Ok, here are my interests:

short term:
- multiple service implementations, configuration and selection
- directory files for loading multiple modules from the classpath (discussed here some weeks ago)
- Simplifying configurations that hold service instances (also discussed as 'pushing an attribute value onto the rules stack)


long term:
- Manageability and Deployment
In my wildest dream I can add some meta data to my hivemind modules that
enables me to create automatically special deployment information.
One the one hand this information could be used as documentation
that tells the deployer (in terms of j2ee roles) which configuration
settings he must provide before deploying the (web) application (database servers,
pool and cache sizes, log settings, mailservers etc.).
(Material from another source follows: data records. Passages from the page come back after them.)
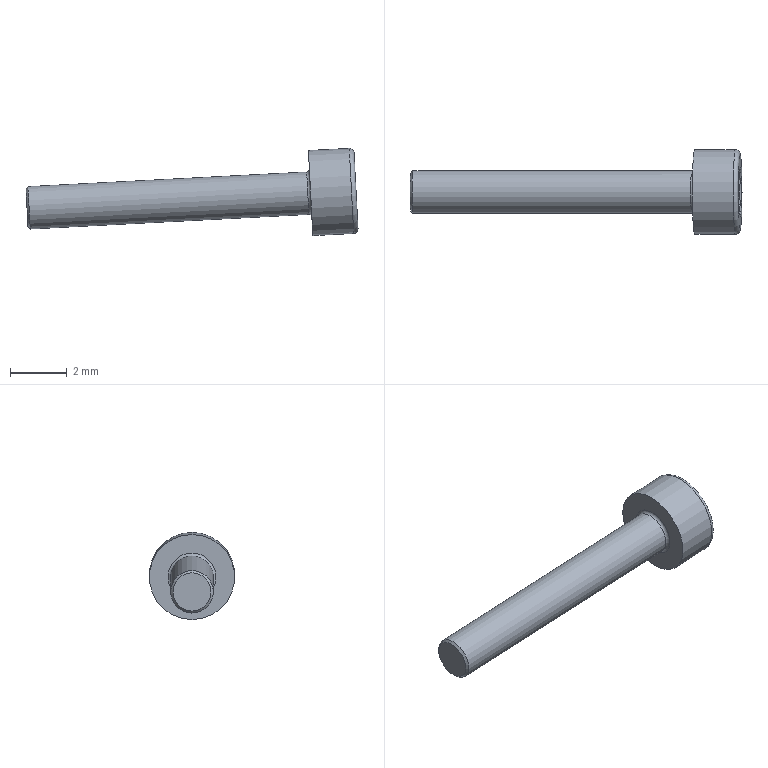Component | NX | GB-T70_1-2000_M1_6X10_2 | 1 solid | 27 faces | volume 27 mm3 | plane 15 | cone 8 | cylinder 2 | torus 2 | commonest cylinder face diameters 1.496 x1 3 x1
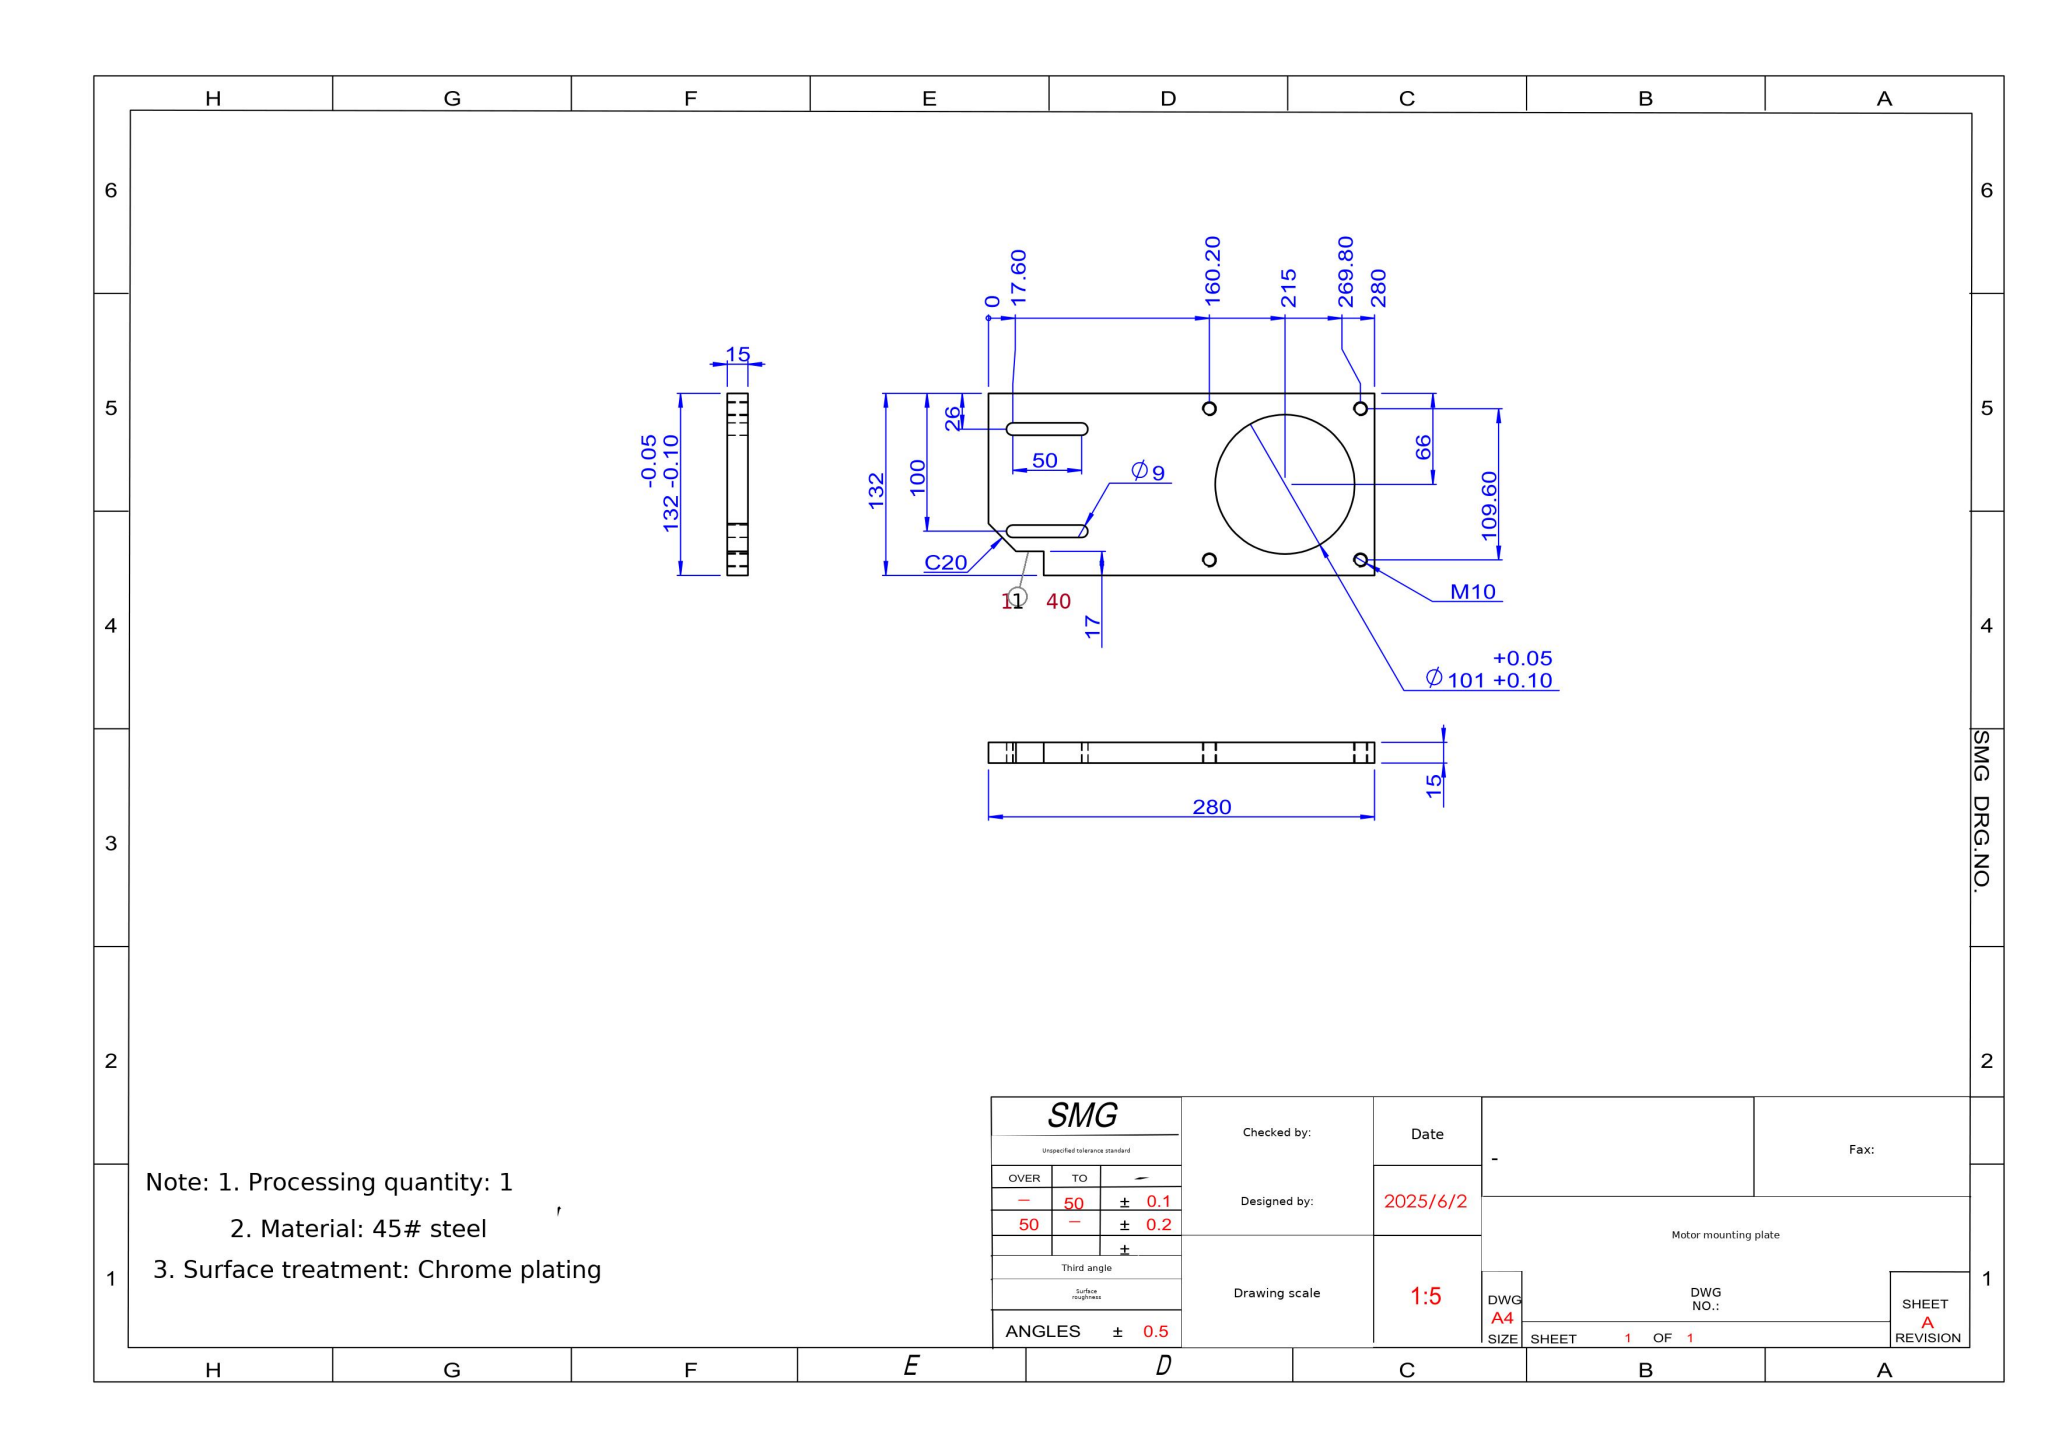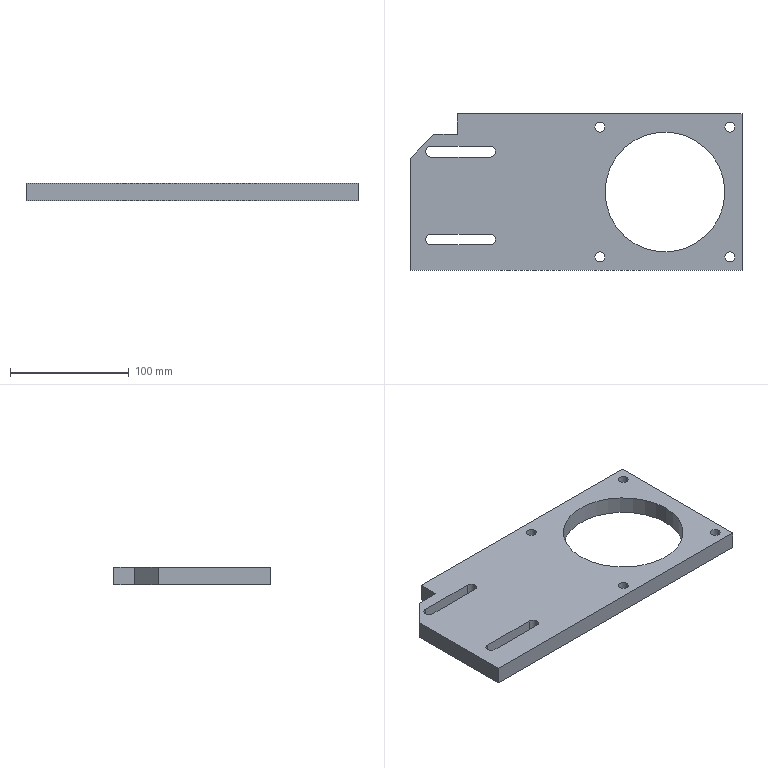Part | SolidWorks | mm | material 45# steel | 1 solid | 29 faces | box 280 x 132 x 15 mm | volume 401909 mm3 | cylinder 16 | plane 13 | commonest cylinder face diameters 8.5 x8 9 x6 101 x2
STEP:
#1=CARTESIAN_POINT('',(15.949,54.801,0.));
#2=VERTEX_POINT('',#1);
#3=CARTESIAN_POINT('',(24.449,54.801,0.));
#4=VERTEX_POINT('',#3);
#5=CARTESIAN_POINT('',(20.199,54.801,0.));
#6=DIRECTION('',(0.,0.,1.));
#7=DIRECTION('',(1.,0.,0.));
#8=AXIS2_PLACEMENT_3D('',#5,#6,#7);
#9=CIRCLE('',#8,4.25);
#10=EDGE_CURVE('',#2,#4,#9,.T.);
#11=ORIENTED_EDGE('',*,*,#10,.F.);
#12=CARTESIAN_POINT('',(15.949,54.801,15.));
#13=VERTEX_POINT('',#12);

This would be a subset of the
documentation that can be generated with hivedoc.
One the other hand one could use the information to provide tool support
for the initial configuration and the runtime change of configuration data.
The latter one could be realized with jmx and a web interface (like the tomcat
administration app). Runtime configuration additionally could be supported by a
scripting language that changes the settings of a running application via jmx remote calls.
Imagine a shell script for changing the log level
to 'debug' for all nodes of a web application cluster.


Bye
Achim Huegen


So ... what are people doing with HiveMind? It's back, it's free and I've been doing some work on
it. I've also been doing some planning for HiveMind on the Wiki.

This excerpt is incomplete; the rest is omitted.